The Finance Minister, Ken Ofori Atta made the announcement in Parliament on Monday March, 30, 2020.

He revealed that there is an estimated US$591.1 million in the Ghana Heritage Fund.

He told Parliament that : “I will now update the House on measures Government is proposing to close the fiscal gap. Since we are faced with extraordinary circumstances which require extraordinary measures, we would like to propose the following measures for the consideration and support of the House:

“Lower the cap on the Ghana Stabilisation Fund (GSF) from the current US$300 million to US$100 million in accordance with Section 23 (3) of the Petroleum Revenue Management Act (PRMA).  This measure will enable the excess amount in the GSF account over the US$100 million cap to be transferred into the Contingency Fund, consistent with Section 23 (4) of the PRMA.

“The amount transferred into the Contingency Fund will be used to fund the Coronavirus Alleviation Programme (CAP). Through this process, an estimated GHȼ1,250 million will be transferred into the Contingency Fund to Fund the CAP.  Mr. Speaker, we therefore wish to seek approval from this August House for the Finance Minister to use the Funds which will be available in the Contingency Fund to fund the Coronavirus Alleviation Programme.

“Arrange with BOG to defer interest payments on non-marketable instruments estimated at GHȼ1,222.8 million to 2022 and beyond;

“Adjust expenditures on Goods & Services and Capex downwards by GHȼ1,248 million; Secure the World Bank DPO of GHȼ1,716 million; Secure the IMF Rapid Credit Facility of GHȼ3,145 million; Reduce the proportion of Net Carried and Participating Interest due GNPC from 30% to 15%;

“Amend the PRMA to allow a withdrawal from the Ghana Heritage Fund to undertake emergency expenditures in periods of national emergency. There is an estimated US$591.1 million in the Ghana Heritage Fund.”

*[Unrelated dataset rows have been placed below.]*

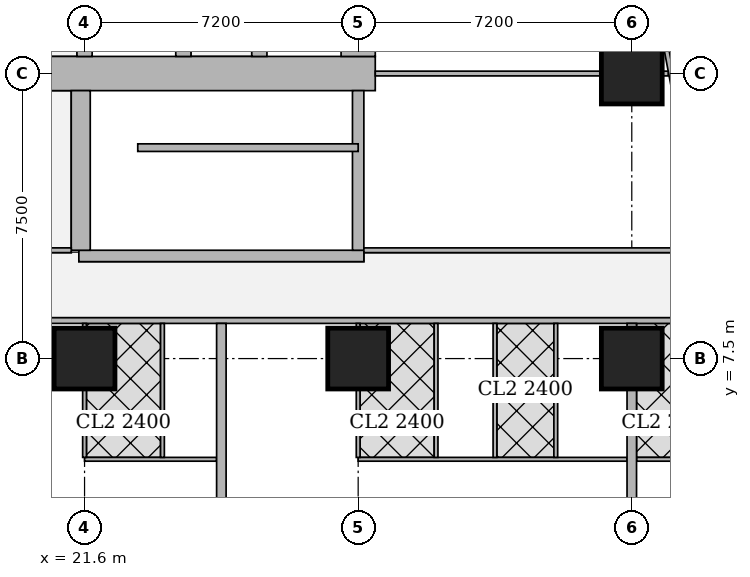
"""IFC4 building model, lengths in metres.
Left out: names, types, materials, properties, quantities, classifications, styles, units other than length and angle.
Written with IfcOpenShell. Run it as: python <this file> out.ifc"""

import sys

from ifc_helpers import new_model, si_unit, direction, frame, frame_2d, origin, origin_2d, place, context, subcontext, project, spatial, rectangle, extrude, element, fill, save


model = new_model("IFC4")
c1 = context("Model", 3, precision=1e-05, world=origin(), true_north=direction((0.0, 1.0)))
c2 = subcontext(c1, "Body", "Model", "MODEL_VIEW")
j1 = project(units=[si_unit("LENGTHUNIT", "METRE"), si_unit("PLANEANGLEUNIT", "RADIAN")], contexts=[c1])
p1 = place(None, origin())
s1 = spatial("IfcSite", under=j1, at=p1, CompositionType="ELEMENT")
p2 = place(p1, origin())
s2 = spatial("IfcBuilding", under=s1, at=p2, CompositionType="ELEMENT")
p3 = place(p2, frame((0.0, 0.0, 89.15)))
s3 = spatial("IfcBuildingStorey", under=s2, at=p3, CompositionType="ELEMENT", Elevation=89.15)
for number, where, z_axis, x_axis in (
    (1, (21.6, 7.5, 0.0), (0.0, 0.0, 1.0), (1.0, 0.0, 0.0)),
    (2, (28.8, 7.5, 0.0), (0.0, 0.0, 1.0), (1.0, 0.0, 0.0)),
    (3, (36.0, 7.5, 0.0), (0.0, 0.0, 1.0), (1.0, 0.0, 0.0)),
    (4, (36.0, 15.0, 0.0), (0.0, 0.0, 1.0), (1.0, 0.0, 0.0)),
):
    element("IfcColumn", number, at=place(p3, frame(where, z_axis=z_axis, x_axis=x_axis)), inside=s3, PredefinedType="COLUMN", context=c2, shape_type="SweptSolid", body=[
        extrude(rectangle(XDim=1.6, YDim=1.6, at=origin_2d()), origin(), (0.0, 0.0, 1.0), 3.75),
    ])
p4 = place(p3, frame((13.95, 15.0, 0.0), z_axis=(0.0, 0.0, 1.0), x_axis=(1.0, 0.0, 0.0)))
e5 = element("IfcWall", 5, at=p4, inside=s3, PredefinedType="SHEAR", context=c2, shape_type="SweptSolid", body=[
    extrude(rectangle(XDim=15.3, YDim=0.9, at=frame_2d((7.65, 0.0))), origin(), (0.0, 0.0, 1.0), 3.75),
])
p5 = place(p4, frame((4.45, 0.0, 0.0)))
e6 = element("IfcOpeningElement", 6, at=p5, cuts=e5, PredefinedType="OPENING", context=c2, shape_type="SweptSolid", body=[
    extrude(rectangle(XDim=1.8, YDim=2.1, at=frame_2d((0.9, 1.05))), frame((0.0, 0.46, 0.0), z_axis=(0.0, -1.0, 0.0), x_axis=(1.0, 0.0, 0.0)), (0.0, 0.0, 1.0), 0.92),
])
p6 = place(p4, frame((10.7, 0.0, 0.0)))
e7 = element("IfcOpeningElement", 7, at=p6, cuts=e5, PredefinedType="OPENING", context=c2, shape_type="SweptSolid", body=[
    extrude(rectangle(XDim=1.1, YDim=2.1, at=frame_2d((0.55, 1.05))), frame((0.0, 0.46, 0.0), z_axis=(0.0, -1.0, 0.0), x_axis=(1.0, 0.0, 0.0)), (0.0, 0.0, 1.0), 0.92),
])
p7 = place(p3, frame((28.8, 15.45, 0.0), z_axis=(0.0, 0.0, 1.0), x_axis=(0.0, 1.0, 0.0)))
e8 = element("IfcWall", 8, at=p7, inside=s3, PredefinedType="SHEAR", context=c2, shape_type="SweptSolid", body=[
    extrude(rectangle(XDim=14.1, YDim=0.9, at=frame_2d((7.05, 0.0))), origin(), (0.0, 0.0, 1.0), 3.75),
])
for number, where, z_axis, x_axis in (
    (9, (21.6, 15.45, 0.0), (0.0, 0.0, 1.0), (0.0, 1.0, 0.0)),
    (10, (24.2, 15.45, 0.0), (0.0, 0.0, 1.0), (0.0, 1.0, 0.0)),
):
    element("IfcWall", number, at=place(p3, frame(where, z_axis=z_axis, x_axis=x_axis)), inside=s3, PredefinedType="SHEAR", context=c2, shape_type="SweptSolid", body=[
        extrude(rectangle(XDim=14.1, YDim=0.4, at=frame_2d((7.05, 0.0))), origin(), (0.0, 0.0, 1.0), 3.75),
    ])
p8 = place(p3, frame((26.2, 15.45, 0.0), z_axis=(0.0, 0.0, 1.0), x_axis=(0.0, 1.0, 0.0)))
e11 = element("IfcWall", 11, at=p8, inside=s3, PredefinedType="SHEAR", context=c2, shape_type="SweptSolid", body=[
    extrude(rectangle(XDim=3.1, YDim=0.4, at=frame_2d((1.55, 0.0))), origin(), (0.0, 0.0, 1.0), 3.75),
])
p9 = place(p8, frame((0.825, 0.0, 0.0)))
e12 = element("IfcOpeningElement", 12, at=p9, cuts=e11, PredefinedType="OPENING", context=c2, shape_type="SweptSolid", body=[
    extrude(rectangle(XDim=1.2, YDim=2.1, at=frame_2d((0.6, 1.05))), frame((0.0, 0.21, 0.0), z_axis=(0.0, -1.0, 0.0), x_axis=(1.0, 0.0, 0.0)), (0.0, 0.0, 1.0), 0.42),
])
p10 = place(p3, frame((21.45, 10.2, 0.0), z_axis=(0.0, 0.0, 1.0), x_axis=(1.0, 0.0, 0.0)))
e13 = element("IfcWall", 13, at=p10, inside=s3, PredefinedType="SHEAR", context=c2, shape_type="SweptSolid", body=[
    extrude(rectangle(XDim=7.5, YDim=0.3, at=frame_2d((3.75, 0.0))), origin(), (0.0, 0.0, 1.0), 3.75),
])
p11 = place(p10, frame((0.5, 0.0, 0.0)))
e14 = element("IfcOpeningElement", 14, at=p11, cuts=e13, PredefinedType="OPENING", context=c2, shape_type="SweptSolid", body=[
    extrude(rectangle(XDim=1.1, YDim=2.1, at=frame_2d((0.55, 1.05))), frame((0.0, 0.16, 0.0), z_axis=(0.0, -1.0, 0.0), x_axis=(1.0, 0.0, 0.0)), (0.0, 0.0, 1.0), 0.32),
])
p12 = place(p3, frame((21.5, 10.35, 0.0), z_axis=(0.0, 0.0, 1.0), x_axis=(0.0, 1.0, 0.0)))
e15 = element("IfcWall", 15, at=p12, inside=s3, PredefinedType="SHEAR", context=c2, shape_type="SweptSolid", body=[
    extrude(rectangle(XDim=4.2, YDim=0.5, at=frame_2d((2.1, 0.0))), origin(), (0.0, 0.0, 1.0), 3.75),
])
p13 = place(p3, frame((28.8, 10.35, 0.0), z_axis=(0.0, 0.0, 1.0), x_axis=(0.0, 1.0, 0.0)))
e16 = element("IfcWall", 16, at=p13, inside=s3, PredefinedType="SHEAR", context=c2, shape_type="SweptSolid", body=[
    extrude(rectangle(XDim=4.2, YDim=0.3, at=frame_2d((2.1, 0.0))), origin(), (0.0, 0.0, 1.0), 3.75),
])
p14 = place(p3, frame((40.053, 8.5, 0.0), z_axis=(0.0, 0.0, 1.0), x_axis=(-1.0, 0.0, 0.0)))
e17 = element("IfcWall", 17, at=p14, inside=s3, PredefinedType="SOLIDWALL", context=c2, shape_type="SweptSolid", body=[
    extrude(rectangle(XDim=31.703, YDim=0.15, at=frame_2d((15.852, 0.0))), origin(), (0.0, 0.0, 1.0), 3.5),
])
p15 = place(p14, frame((28.103, 0.0, 0.0)))
e18 = element("IfcOpeningElement", 18, at=p15, cuts=e17, PredefinedType="OPENING", context=c2, shape_type="SweptSolid", body=[
    extrude(rectangle(XDim=1.0, YDim=2.1, at=frame_2d((0.5, 1.05))), frame((0.0, 0.085, 0.0), z_axis=(0.0, -1.0, 0.0), x_axis=(1.0, 0.0, 0.0)), (0.0, 0.0, 1.0), 0.17),
])
p16 = place(p14, frame((19.953, 0.0, 0.0)))
e19 = element("IfcOpeningElement", 19, at=p16, cuts=e17, PredefinedType="OPENING", context=c2, shape_type="SweptSolid", body=[
    extrude(rectangle(XDim=1.0, YDim=2.1, at=frame_2d((0.5, 1.05))), frame((0.0, 0.085, 0.0), z_axis=(0.0, -1.0, 0.0), x_axis=(1.0, 0.0, 0.0)), (0.0, 0.0, 1.0), 0.17),
])
p17 = place(p14, frame((12.753, 0.0, 0.0)))
e20 = element("IfcOpeningElement", 20, at=p17, cuts=e17, PredefinedType="OPENING", context=c2, shape_type="SweptSolid", body=[
    extrude(rectangle(XDim=1.0, YDim=2.1, at=frame_2d((0.5, 1.05))), frame((0.0, 0.085, 0.0), z_axis=(0.0, -1.0, 0.0), x_axis=(1.0, 0.0, 0.0)), (0.0, 0.0, 1.0), 0.17),
])
p18 = place(p14, frame((0.15, 0.0, 0.0)))
e21 = element("IfcOpeningElement", 21, at=p18, cuts=e17, PredefinedType="OPENING", context=c2, shape_type="SweptSolid", body=[
    extrude(rectangle(XDim=1.0, YDim=2.1, at=frame_2d((0.5, 1.05))), frame((0.0, 0.085, 0.0), z_axis=(0.0, -1.0, 0.0), x_axis=(1.0, 0.0, 0.0)), (0.0, 0.0, 1.0), 0.17),
])
p19 = place(p3, frame((33.127, 45.65, 0.0), z_axis=(0.0, 0.0, 1.0), x_axis=(0.185598547723, -0.98262565562, 0.0)))
e22 = element("IfcWall", 22, at=p19, inside=s3, PredefinedType="SOLIDWALL", context=c2, shape_type="SweptSolid", body=[
    extrude(rectangle(XDim=47.118, YDim=0.15, at=frame_2d((23.559, 0.0))), origin(), (0.0, 0.0, 1.0), 2.2),
])
p20 = place(p19, frame((15.285, 0.0, 0.0)))
e23 = element("IfcOpeningElement", 23, at=p20, cuts=e22, PredefinedType="OPENING", context=c2, shape_type="SweptSolid", body=[
    extrude(rectangle(XDim=1.0, YDim=2.1, at=frame_2d((0.5, 1.05))), frame((0.0, 0.085, 0.0), z_axis=(0.0, -1.0, 0.0), x_axis=(1.0, 0.0, 0.0)), (0.0, 0.0, 1.0), 0.17),
])
p21 = place(p19, frame((19.102, 0.0, 0.0)))
e24 = element("IfcOpeningElement", 24, at=p21, cuts=e22, PredefinedType="OPENING", context=c2, shape_type="SweptSolid", body=[
    extrude(rectangle(XDim=1.0, YDim=2.1, at=frame_2d((0.5, 1.05))), frame((0.0, 0.085, 0.0), z_axis=(0.0, -1.0, 0.0), x_axis=(1.0, 0.0, 0.0)), (0.0, 0.0, 1.0), 0.17),
])
p22 = place(p19, frame((33.88, 0.0, 0.0)))
e25 = element("IfcOpeningElement", 25, at=p22, cuts=e22, PredefinedType="OPENING", context=c2, shape_type="SweptSolid", body=[
    extrude(rectangle(XDim=1.0, YDim=2.1, at=frame_2d((0.5, 1.05))), frame((0.0, 0.085, 0.0), z_axis=(0.0, -1.0, 0.0), x_axis=(1.0, 0.0, 0.0)), (0.0, 0.0, 1.0), 0.17),
])
p23 = place(p3, frame((25.075, 4.85, 0.0), z_axis=(0.0, 0.0, 1.0), x_axis=(-1.0, 0.0, 0.0)))
e26 = element("IfcWall", 26, at=p23, inside=s3, PredefinedType="PARTITIONING", context=c2, shape_type="SweptSolid", body=[
    extrude(rectangle(XDim=3.475, YDim=0.1, at=frame_2d((1.737, 0.0))), origin(), (0.0, 0.0, 1.0), 3.5),
])
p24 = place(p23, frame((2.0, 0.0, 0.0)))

But a statement co-signed by Dr Steve Manteaw, Mr Kwame Jantuah, Mr Samuel Bekoe and Mr Emmanuel Kuyole, the Platform said : “We also welcome the pledge by the executive (Ministers, Deputies, and other political appointees) to contribute their three months’ salary to the fight against the epidemic. The Heritage Fund can certainly not be our first line of defence in an emergency. It must be for good reasons that the Constitution established a Contingency Fund, it’s time to take it seriously”.

It added : “We are of the conviction that though COVID-19 constitutes a clear and imminent threat to our existence, it is likely to serve as yet another opportunity to abuse the only evidence we have to show that this country has ever produced oil, given the wastefulness we have witnessed in the use of petroleum revenues.”

But CSPOG said while it “generally supports most of the Minister’s proposals, especially those relating to cost-cutting measures and expenditure realignment, including reduction in GNPC’s share of revenues, the group is convinced that the difficulty in which we find ourselves today wouldn’t shave been this dire if the government had kept religiously to the spirit and letter of the rules governing the petroleum revenue allocations.

“Indeed, we recognise that we are not in normal times but it is also important that current and future governments learn from some of the grievous mistakes we’ve made in order to avoid a repetition in future. ‘An unexamined life’, it is often said, ‘is not worth living’.”

Regarding its observations and concerns With regard to the Heritage Fund CSPOG said: “The Heritage Fund was established in recognition of the intergenerational interest in the hydrocarbon resource; hence it serves as a store of wealth for future generations.

“The Fund receives only 9 per cent of petroleum revenues.

“In 10 years, this has given us US$591.1 million.

“International best practices treat intergenerational funds as funds meant for the generation after petroleum reserves are completely depleted.

“Section 10 of Act 815 provides that we can go into the Fund after 15 years following its establishment, and even in that circumstance, Parliament will require a two-thirds majority, to access only the accrued interest and not the main transfers into the Fund”.